Update 3:06 p.m. ET: Martin Luther King III and Bernice King, children of civil rights icon Dr. Martin Luther King, Jr. shared praise for Jackson as a fulfillment of their father's vision.
"My father once said that in life, one must discover what their calling is, and when they do, they must do their jobs so well that the living, the dead or the unborn could do them no better … Michael Jackson was truly the best of what he was," Martin said.
"Throughout the ages, few are chosen from amongst us to use their gifts and talents to demonstrate god's love in an effort to bring the world together in true sister and brotherhood. Michael was such a one. He epitomized the words of our father that an individual hasn't started living until he can rise above the narrow confines of his individualistic concerns, to the broader concerns of humanity," Bernice said.
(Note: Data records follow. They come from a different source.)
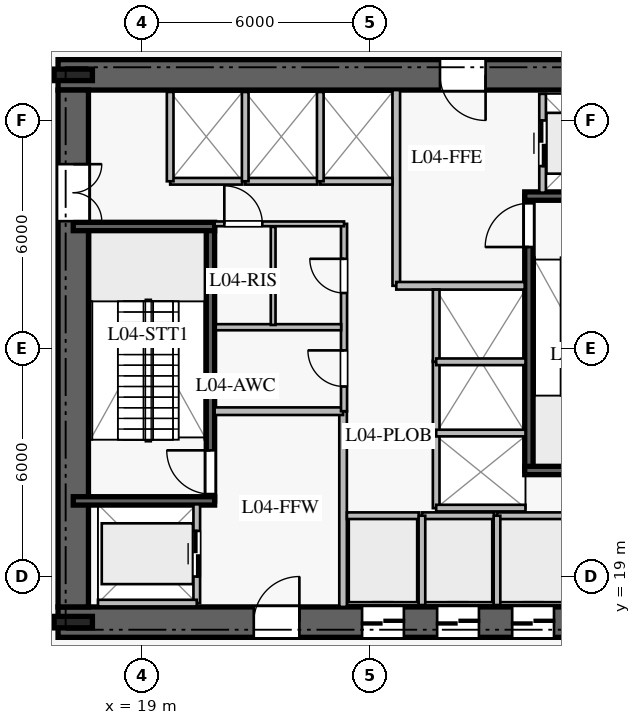
"""IFC4 building model, lengths in metres.
Left out: names, types, materials, properties, quantities, classifications, styles, units other than length and angle.
Written with IfcOpenShell. Run it as: python <this file> out.ifc"""

import sys

from ifc_helpers import new_model, si_unit, direction, frame, frame_2d, origin, origin_2d, place, context, subcontext, project, spatial, rectangle, i_section, extrude, element, fill, save


model = new_model("IFC4")
c1 = context("Model", 3, precision=1e-05, world=origin(), true_north=direction((0.0, 1.0)))
c2 = subcontext(c1, "Body", "Model", "MODEL_VIEW")
j1 = project(units=[si_unit("LENGTHUNIT", "METRE"), si_unit("PLANEANGLEUNIT", "RADIAN")], contexts=[c1])
p1 = place(None, origin())
s1 = spatial("IfcSite", under=j1, at=p1, CompositionType="ELEMENT")
p2 = place(p1, origin())
s2 = spatial("IfcBuilding", under=s1, at=p2, CompositionType="ELEMENT")
p3 = place(p2, frame((0.0, 0.0, 19.0)))
s3 = spatial("IfcBuildingStorey", under=s2, at=p3, CompositionType="ELEMENT", Elevation=19.0)
p4 = place(p3, frame((16.8, 17.8, 0.0), z_axis=(0.0, 0.0, 1.0), x_axis=(1.0, 0.0, 0.0)))
e1 = element("IfcWall", 1, at=p4, inside=s3, PredefinedType="SHEAR", context=c2, shape_type="SweptSolid", body=[
    extrude(rectangle(XDim=16.4, YDim=0.8, at=frame_2d((8.2, 0.0))), origin(), (0.0, 0.0, 1.0), 4.76),
])
p5 = place(p4, frame((5.15, 0.0, 0.0)))
e2 = element("IfcOpeningElement", 2, at=p5, cuts=e1, PredefinedType="OPENING", context=c2, shape_type="SweptSolid", body=[
    extrude(rectangle(XDim=1.2, YDim=2.25, at=frame_2d((0.6, 1.125))), frame((0.0, 0.41, 0.0), z_axis=(0.0, -1.0, 0.0), x_axis=(1.0, 0.0, 0.0)), (0.0, 0.0, 1.0), 0.82),
])
p6 = place(p4, frame((14.1, 0.0, 0.0)))
e3 = element("IfcOpeningElement", 3, at=p6, cuts=e1, PredefinedType="OPENING", context=c2, shape_type="SweptSolid", body=[
    extrude(rectangle(XDim=0.9, YDim=2.1, at=frame_2d((0.45, 1.05))), frame((0.0, 0.41, 0.0), z_axis=(0.0, -1.0, 0.0), x_axis=(1.0, 0.0, 0.0)), (0.0, 0.0, 1.0), 0.82),
])
p7 = place(p4, frame((8.0, 0.0, 0.0)))
e4 = element("IfcOpeningElement", 4, at=p7, cuts=e1, PredefinedType="OPENING", context=c2, shape_type="SweptSolid", body=[
    extrude(rectangle(XDim=1.1, YDim=2.2, at=frame_2d((0.55, 1.1))), frame((0.0, 0.41, 0.0), z_axis=(0.0, -1.0, 0.0), x_axis=(1.0, 0.0, 0.0)), (0.0, 0.0, 1.0), 0.82),
])
p8 = place(p4, frame((9.975, 0.0, 0.0)))
e5 = element("IfcOpeningElement", 5, at=p8, cuts=e1, PredefinedType="OPENING", context=c2, shape_type="SweptSolid", body=[
    extrude(rectangle(XDim=1.1, YDim=2.2, at=frame_2d((0.55, 1.1))), frame((0.0, 0.41, 0.0), z_axis=(0.0, -1.0, 0.0), x_axis=(1.0, 0.0, 0.0)), (0.0, 0.0, 1.0), 0.82),
])
p9 = place(p4, frame((11.95, 0.0, 0.0)))
e6 = element("IfcOpeningElement", 6, at=p9, cuts=e1, PredefinedType="OPENING", context=c2, shape_type="SweptSolid", body=[
    extrude(rectangle(XDim=1.1, YDim=2.2, at=frame_2d((0.55, 1.1))), frame((0.0, 0.41, 0.0), z_axis=(0.0, -1.0, 0.0), x_axis=(1.0, 0.0, 0.0)), (0.0, 0.0, 1.0), 0.82),
])
p10 = place(p3, frame((33.2, 32.2, 0.0), z_axis=(0.0, 0.0, 1.0), x_axis=(-1.0, 0.0, 0.0)))
e7 = element("IfcWall", 7, at=p10, inside=s3, PredefinedType="SHEAR", context=c2, shape_type="SweptSolid", body=[
    extrude(rectangle(XDim=16.4, YDim=0.8, at=frame_2d((8.2, 0.0))), origin(), (0.0, 0.0, 1.0), 4.76),
])
p11 = place(p10, frame((5.15, 0.0, 0.0)))
e8 = element("IfcOpeningElement", 8, at=p11, cuts=e7, PredefinedType="OPENING", context=c2, shape_type="SweptSolid", body=[
    extrude(rectangle(XDim=1.2, YDim=2.25, at=frame_2d((0.6, 1.125))), frame((0.0, 0.41, 0.0), z_axis=(0.0, -1.0, 0.0), x_axis=(1.0, 0.0, 0.0)), (0.0, 0.0, 1.0), 0.82),
])
p12 = place(p3, frame((17.2, 31.8, 0.0), z_axis=(0.0, 0.0, 1.0), x_axis=(0.0, -1.0, 0.0)))
e9 = element("IfcWall", 9, at=p12, inside=s3, PredefinedType="SHEAR", context=c2, shape_type="SweptSolid", body=[
    extrude(rectangle(XDim=13.6, YDim=0.8, at=frame_2d((6.8, 0.0))), origin(), (0.0, 0.0, 1.0), 4.76),
])
p13 = place(p12, frame((1.95, 0.0, 0.0)))
e10 = element("IfcOpeningElement", 10, at=p13, cuts=e9, PredefinedType="OPENING", context=c2, shape_type="SweptSolid", body=[
    extrude(rectangle(XDim=1.5, YDim=2.2, at=frame_2d((0.75, 1.1))), frame((0.0, 0.41, 0.0), z_axis=(0.0, -1.0, 0.0), x_axis=(1.0, 0.0, 0.0)), (0.0, 0.0, 1.0), 0.82),
])
for number, where, z_axis, x_axis in (
    (11, (17.2, 17.8, 0.0), (0.0, 0.0, 1.0), (1.0, 0.0, 0.0)),
    (12, (17.2, 32.2, 0.0), (0.0, 0.0, 1.0), (1.0, 0.0, 0.0)),
):
    element("IfcColumn", number, at=place(p3, frame(where, z_axis=z_axis, x_axis=x_axis)), inside=s3, PredefinedType="COLUMN", context=c2, shape_type="SweptSolid", body=[
        extrude(i_section(OverallWidth=0.302, OverallDepth=1.008, WebThickness=0.021, FlangeThickness=0.04, at=origin_2d()), origin(), (0.0, 0.0, 1.0), 5.0),
    ])
p14 = place(p3, frame((20.81, 20.99, 0.0), z_axis=(0.0, 0.0, 1.0), x_axis=(0.0, 1.0, 0.0)))
e13 = element("IfcWall", 13, at=p14, inside=s3, PredefinedType="SOLIDWALL", context=c2, shape_type="SweptSolid", body=[
    extrude(rectangle(XDim=7.22, YDim=0.22, at=frame_2d((3.61, 0.0))), origin(), (0.0, 0.0, 1.0), 4.76),
])
p15 = place(p14, frame((0.18, 0.0, 0.0)))
e14 = element("IfcOpeningElement", 14, at=p15, cuts=e13, PredefinedType="OPENING", context=c2, shape_type="SweptSolid", body=[
    extrude(rectangle(XDim=1.15, YDim=2.2, at=frame_2d((0.575, 1.1))), frame((0.0, 0.12, 0.0), z_axis=(0.0, -1.0, 0.0), x_axis=(1.0, 0.0, 0.0)), (0.0, 0.0, 1.0), 0.24),
])
for number, where, z_axis, x_axis in (
    (15, (17.2, 20.99, 0.0), (0.0, 0.0, 1.0), (1.0, 0.0, 0.0)),
    (16, (17.2, 28.21, 0.0), (0.0, 0.0, 1.0), (1.0, 0.0, 0.0)),
):
    element("IfcWall", number, at=place(p3, frame(where, z_axis=z_axis, x_axis=x_axis)), inside=s3, PredefinedType="SOLIDWALL", context=c2, shape_type="SweptSolid", body=[
        extrude(rectangle(XDim=3.72, YDim=0.22, at=frame_2d((1.86, 0.0))), origin(), (0.0, 0.0, 1.0), 4.76),
    ])
p16 = place(p3, frame((29.19, 21.79, 0.0), z_axis=(0.0, 0.0, 1.0), x_axis=(0.0, 1.0, 0.0)))
e17 = element("IfcWall", 17, at=p16, inside=s3, PredefinedType="SOLIDWALL", context=c2, shape_type="SweptSolid", body=[
    extrude(rectangle(XDim=7.22, YDim=0.22, at=frame_2d((3.61, 0.0))), origin(), (0.0, 0.0, 1.0), 4.76),
])
p17 = place(p16, frame((5.88, 0.0, 0.0)))
e18 = element("IfcOpeningElement", 18, at=p17, cuts=e17, PredefinedType="OPENING", context=c2, shape_type="SweptSolid", body=[
    extrude(rectangle(XDim=1.15, YDim=2.2, at=frame_2d((0.575, 1.1))), frame((0.0, 0.12, 0.0), z_axis=(0.0, -1.0, 0.0), x_axis=(1.0, 0.0, 0.0)), (0.0, 0.0, 1.0), 0.24),
])
for number, where, z_axis, x_axis in (
    (19, (29.08, 21.79, 0.0), (0.0, 0.0, 1.0), (1.0, 0.0, 0.0)),
    (20, (29.08, 29.01, 0.0), (0.0, 0.0, 1.0), (1.0, 0.0, 0.0)),
):
    element("IfcWall", number, at=place(p3, frame(where, z_axis=z_axis, x_axis=x_axis)), inside=s3, PredefinedType="SOLIDWALL", context=c2, shape_type="SweptSolid", body=[
        extrude(rectangle(XDim=3.72, YDim=0.22, at=frame_2d((1.86, 0.0))), origin(), (0.0, 0.0, 1.0), 4.76),
    ])
p18 = place(p3, frame((24.3, 18.2, 0.0), z_axis=(0.0, 0.0, 1.0), x_axis=(0.0, 1.0, 0.0)))
e21 = element("IfcWall", 21, at=p18, inside=s3, PredefinedType="PARTITIONING", context=c2, shape_type="SweptSolid", body=[
    extrude(rectangle(XDim=5.15, YDim=0.2, at=frame_2d((2.575, 0.0))), origin(), (0.0, 0.0, 1.0), 4.76),
])
p19 = place(p3, frame((20.92, 23.35, 0.0), z_axis=(0.0, 0.0, 1.0), x_axis=(1.0, 0.0, 0.0)))
e22 = element("IfcWall", 22, at=p19, inside=s3, PredefinedType="PARTITIONING", context=c2, shape_type="SweptSolid", body=[
    extrude(rectangle(XDim=3.38, YDim=0.2, at=frame_2d((1.69, 0.0))), origin(), (0.0, 0.0, 1.0), 4.76),
])
p20 = place(p3, frame((25.7, 26.65, 0.0), z_axis=(0.0, 0.0, 1.0), x_axis=(0.0, 1.0, 0.0)))
e23 = element("IfcWall", 23, at=p20, inside=s3, PredefinedType="PARTITIONING", context=c2, shape_type="SweptSolid", body=[
    extrude(rectangle(XDim=5.15, YDim=0.2, at=frame_2d((2.575, 0.0))), origin(), (0.0, 0.0, 1.0), 4.76),
])
p21 = place(p3, frame((25.7, 26.65, 0.0), z_axis=(0.0, 0.0, 1.0), x_axis=(1.0, 0.0, 0.0)))
e24 = element("IfcWall", 24, at=p21, inside=s3, PredefinedType="PARTITIONING", context=c2, shape_type="SweptSolid", body=[
    extrude(rectangle(XDim=3.38, YDim=0.2, at=frame_2d((1.69, 0.0))), origin(), (0.0, 0.0, 1.0), 4.76),
])
p22 = place(p3, frame((24.325, 23.35, 0.0), z_axis=(0.0, 0.0, 1.0), x_axis=(0.0, 1.0, 0.0)))
e25 = element("IfcWall", 25, at=p22, inside=s3, PredefinedType="PLUMBINGWALL", context=c2, shape_type="SweptSolid", body=[
    extrude(rectangle(XDim=4.93, YDim=0.16, at=frame_2d((2.465, 0.0))), origin(), (0.0, 0.0, 1.0), 4.76),
])
p23 = place(p22, frame((0.65, 0.0, 0.0)))
e26 = element("IfcOpeningElement", 26, at=p23, cuts=e25, PredefinedType="OPENING", context=c2, shape_type="SweptSolid", body=[
    extrude(rectangle(XDim=0.95, YDim=2.1, at=frame_2d((0.475, 1.05))), frame((0.0, 0.09, 0.0), z_axis=(0.0, -1.0, 0.0), x_axis=(1.0, 0.0, 0.0)), (0.0, 0.0, 1.0), 0.18),
])
p24 = place(p22, frame((3.11, 0.0, 0.0)))
e27 = element("IfcOpeningElement", 27, at=p24, cuts=e25, PredefinedType="OPENING", context=c2, shape_type="SweptSolid", body=[
    extrude(rectangle(XDim=0.9, YDim=2.1, at=frame_2d((0.45, 1.05))), frame((0.0, 0.09, 0.0), z_axis=(0.0, -1.0, 0.0), x_axis=(1.0, 0.0, 0.0)), (0.0, 0.0, 1.0), 0.18),
])
p25 = place(p3, frame((20.92, 28.28, 0.0), z_axis=(0.0, 0.0, 1.0), x_axis=(1.0, 0.0, 0.0)))
e28 = element("IfcWall", 28, at=p25, inside=s3, PredefinedType="PARTITIONING", context=c2, shape_type="SweptSolid", body=[
    extrude(rectangle(XDim=3.405, YDim=0.125, at=frame_2d((1.703, 0.0))), origin(), (0.0, 0.0, 1.0), 4.76),
])
p26 = place(p25, frame((0.255, 0.0, 0.0)))
e29 = element("IfcOpeningElement", 29, at=p26, cuts=e28, PredefinedType="OPENING", context=c2, shape_type="SweptSolid", body=[
    extrude(rectangle(XDim=1.0, YDim=2.15, at=frame_2d((0.5, 1.075))), frame((0.0, 0.073, 0.0), z_axis=(0.0, -1.0, 0.0), x_axis=(1.0, 0.0, 0.0)), (0.0, 0.0, 1.0), 0.145),
])
p27 = place(p3, frame((20.95, 25.56, 0.0), z_axis=(0.0, 0.0, 1.0), x_axis=(1.0, 0.0, 0.0)))
e30 = element("IfcWall", 30, at=p27, inside=s3, PredefinedType="PLUMBINGWALL", context=c2, shape_type="SweptSolid", body=[
    extrude(rectangle(XDim=3.3, YDim=0.16, at=frame_2d((1.65, 0.0))), origin(), (0.0, 0.0, 1.0), 4.76),
])
p28 = place(p3, frame((22.46, 25.62, 0.0), z_axis=(0.0, 0.0, 1.0), x_axis=(0.0, 1.0, 0.0)))
e31 = element("IfcWall", 31, at=p28, inside=s3, PredefinedType="PARTITIONING", context=c2, shape_type="SweptSolid", body=[
    extrude(rectangle(XDim=2.58, YDim=0.125, at=frame_2d((1.29, 0.0))), origin(), (0.0, 0.0, 1.0), 4.76),
])
p29 = place(p3, frame((24.4, 20.6, 0.0), z_axis=(0.0, 0.0, 1.0), x_axis=(1.0, 0.0, 0.0)))
e32 = element("IfcWall", 32, at=p29, inside=s3, PredefinedType="PARTITIONING", context=c2, shape_type="SweptSolid", body=[
    extrude(rectangle(XDim=1.9, YDim=0.175, at=frame_2d((0.95, 0.0))), origin(), (0.0, 0.0, 1.0), 4.76),
])
p30 = place(p3, frame((26.375, 20.6, 0.0), z_axis=(0.0, 0.0, 1.0), x_axis=(1.0, 0.0, 0.0)))
e33 = element("IfcWall", 33, at=p30, inside=s3, PredefinedType="PARTITIONING", context=c2, shape_type="SweptSolid", body=[
    extrude(rectangle(XDim=1.9, YDim=0.175, at=frame_2d((0.95, 0.0))), origin(), (0.0, 0.0, 1.0), 4.76),
])
p31 = place(p3, frame((26.375, 18.25, 0.0), z_axis=(0.0, 0.0, 1.0), x_axis=(0.0, 1.0, 0.0)))
e34 = element("IfcWall", 34, at=p31, inside=s3, PredefinedType="PARTITIONING", context=c2, shape_type="SweptSolid", body=[
    extrude(rectangle(XDim=2.35, YDim=0.175, at=frame_2d((1.175, 0.0))), origin(), (0.0, 0.0, 1.0), 4.76),
])
p32 = place(p3, frame((28.35, 20.6, 0.0), z_axis=(0.0, 0.0, 1.0), x_axis=(1.0, 0.0, 0.0)))
e35 = element("IfcWall", 35, at=p32, inside=s3, PredefinedType="PARTITIONING", context=c2, shape_type="SweptSolid", body=[
    extrude(rectangle(XDim=1.9, YDim=0.175, at=frame_2d((0.95, 0.0))), origin(), (0.0, 0.0, 1.0), 4.76),
])
p33 = place(p3, frame((28.35, 18.25, 0.0), z_axis=(0.0, 0.0, 1.0), x_axis=(0.0, 1.0, 0.0)))
e36 = element("IfcWall", 36, at=p33, inside=s3, PredefinedType="PARTITIONING", context=c2, shape_type="SweptSolid", body=[
    extrude(rectangle(XDim=2.35, YDim=0.175, at=frame_2d((1.175, 0.0))), origin(), (0.0, 0.0, 1.0), 4.76),
])
p34 = place(p3, frame((19.75, 29.4, 0.0), z_axis=(0.0, 0.0, 1.0), x_axis=(1.0, 0.0, 0.0)))
e37 = element("IfcWall", 37, at=p34, inside=s3, PredefinedType="PARTITIONING", context=c2, shape_type="SweptSolid", body=[
    extrude(rectangle(XDim=1.9, YDim=0.175, at=frame_2d((0.95, 0.0))), origin(), (0.0, 0.0, 1.0), 4.76),
])
p35 = place(p3, frame((19.75, 29.4, 0.0), z_axis=(0.0, 0.0, 1.0), x_axis=(0.0, 1.0, 0.0)))
e38 = element("IfcWall", 38, at=p35, inside=s3, PredefinedType="PARTITIONING", context=c2, shape_type="SweptSolid", body=[
    extrude(rectangle(XDim=2.35, YDim=0.175, at=frame_2d((1.175, 0.0))), origin(), (0.0, 0.0, 1.0), 4.76),
])
p36 = place(p3, frame((21.725, 29.4, 0.0), z_axis=(0.0, 0.0, 1.0), x_axis=(1.0, 0.0, 0.0)))
e39 = element("IfcWall", 39, at=p36, inside=s3, PredefinedType="PARTITIONING", context=c2, shape_type="SweptSolid", body=[
    extrude(rectangle(XDim=1.9, YDim=0.175, at=frame_2d((0.95, 0.0))), origin(), (0.0, 0.0, 1.0), 4.76),
])
p37 = place(p3, frame((21.725, 29.4, 0.0), z_axis=(0.0, 0.0, 1.0), x_axis=(0.0, 1.0, 0.0)))
e40 = element("IfcWall", 40, at=p37, inside=s3, PredefinedType="PARTITIONING", context=c2, shape_type="SweptSolid", body=[
    extrude(rectangle(XDim=2.35, YDim=0.175, at=frame_2d((1.175, 0.0))), origin(), (0.0, 0.0, 1.0), 4.76),
])
p38 = place(p3, frame((23.7, 29.4, 0.0), z_axis=(0.0, 0.0, 1.0), x_axis=(1.0, 0.0, 0.0)))
e41 = element("IfcWall", 41, at=p38, inside=s3, PredefinedType="PARTITIONING", context=c2, shape_type="SweptSolid", body=[
    extrude(rectangle(XDim=1.9, YDim=0.175, at=frame_2d((0.95, 0.0))), origin(), (0.0, 0.0, 1.0), 4.76),
])
p39 = place(p3, frame((23.7, 29.4, 0.0), z_axis=(0.0, 0.0, 1.0), x_axis=(0.0, 1.0, 0.0)))
e42 = element("IfcWall", 42, at=p39, inside=s3, PredefinedType="PARTITIONING", context=c2, shape_type="SweptSolid", body=[
    extrude(rectangle(XDim=2.35, YDim=0.175, at=frame_2d((1.175, 0.0))), origin(), (0.0, 0.0, 1.0), 4.76),
])
p40 = place(p3, frame((26.75, 20.8, 0.0), z_axis=(0.0, 0.0, 1.0), x_axis=(0.0, 1.0, 0.0)))
e43 = element("IfcWall", 43, at=p40, inside=s3, PredefinedType="PARTITIONING", context=c2, shape_type="SweptSolid", body=[
    extrude(rectangle(XDim=1.9, YDim=0.175, at=frame_2d((0.95, 0.0))), origin(), (0.0, 0.0, 1.0), 4.76),
])
p41 = place(p3, frame((26.75, 20.8, 0.0), z_axis=(0.0, 0.0, 1.0), x_axis=(1.0, 0.0, 0.0)))
e44 = element("IfcWall", 44, at=p41, inside=s3, PredefinedType="PARTITIONING", context=c2, shape_type="SweptSolid", body=[
    extrude(rectangle(XDim=2.35, YDim=0.175, at=frame_2d((1.175, 0.0))), origin(), (0.0, 0.0, 1.0), 4.76),
])
p42 = place(p3, frame((26.75, 22.775, 0.0), z_axis=(0.0, 0.0, 1.0), x_axis=(0.0, 1.0, 0.0)))
e45 = element("IfcWall", 45, at=p42, inside=s3, PredefinedType="PARTITIONING", context=c2, shape_type="SweptSolid", body=[
    extrude(rectangle(XDim=1.9, YDim=0.175, at=frame_2d((0.95, 0.0))), origin(), (0.0, 0.0, 1.0), 4.76),
])
p43 = place(p3, frame((26.75, 22.775, 0.0), z_axis=(0.0, 0.0, 1.0), x_axis=(1.0, 0.0, 0.0)))
e46 = element("IfcWall", 46, at=p43, inside=s3, PredefinedType="PARTITIONING", context=c2, shape_type="SweptSolid", body=[
    extrude(rectangle(XDim=2.35, YDim=0.175, at=frame_2d((1.175, 0.0))), origin(), (0.0, 0.0, 1.0), 4.76),
])
p44 = place(p3, frame((26.75, 24.65, 0.0), z_axis=(0.0, 0.0, 1.0), x_axis=(0.0, 1.0, 0.0)))
e47 = element("IfcWall", 47, at=p44, inside=s3, PredefinedType="PARTITIONING", context=c2, shape_type="SweptSolid", body=[
    extrude(rectangle(XDim=1.9, YDim=0.175, at=frame_2d((0.95, 0.0))), origin(), (0.0, 0.0, 1.0), 4.76),
])
p45 = place(p3, frame((26.75, 24.65, 0.0), z_axis=(0.0, 0.0, 1.0), x_axis=(1.0, 0.0, 0.0)))
e48 = element("IfcWall", 48, at=p45, inside=s3, PredefinedType="PARTITIONING", context=c2, shape_type="SweptSolid", body=[
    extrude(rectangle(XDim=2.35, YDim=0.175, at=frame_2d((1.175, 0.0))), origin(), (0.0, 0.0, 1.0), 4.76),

Update 3:12 p.m. ET: Rep. Sheila Jackson Lee, D-Tex., spoke about Jackson using his role as a music icon to help others.
"When we're at war, icons like Michael sing about healing the world. And so he called us into public service. It did not matter whether we were black or white. He even told us to 'Beat It' - beat the violence, and look at yourself in the mirror."
"What a miraculous experience to be able to listen and see Michael in action. There were words cast about, but I wonder if anybody was on his shoulder when he walked into Walter Reed hospital, and he walked along the aisles in the rows in the hospital room. This was in the midst of the Iraq war, doctors stopped and nurses stopped, and individual soldiers who had lost limbs, stopped. And they were in essence moved and touched, as Michael was, by his desire to come and thank them for their sacrifice."
Update 3:15 p.m. ET: Usher performed "Gone Too Soon," a song Jackson wrote for Ryan White, an 18-year-old HIV/AIDS victim he had befriended.
Update 3:21 p.m. ET: Smokey Robinson shared some humorous anecdotes about listening to Jackson perform one of his songs, "Who's Loving You," as a 10-year-old.
Robinson said he was amazed at how the young Jackson could sing a song that required so much emotional maturity.
"How could be possibly know these things."
Robinson joked that he went to check Jackson's birth certificate after the performance.
Update 3:30 p.m. ET: Poignant close to the show, with the Jackson family, including his three children, joining performers who were to be in Jackson's upcoming tour on stage to sing "We Are The World" and "Heal The World."
Update 3:45 p.m. ET: Jackson's family had emotional words of tribute, none moreso than his daughter Paris, who spoke at the very end.
"Ever since I was born, Daddy had been the best father you could ever imagine. And I just want to say 'I love you so much,'" she said before breaking down.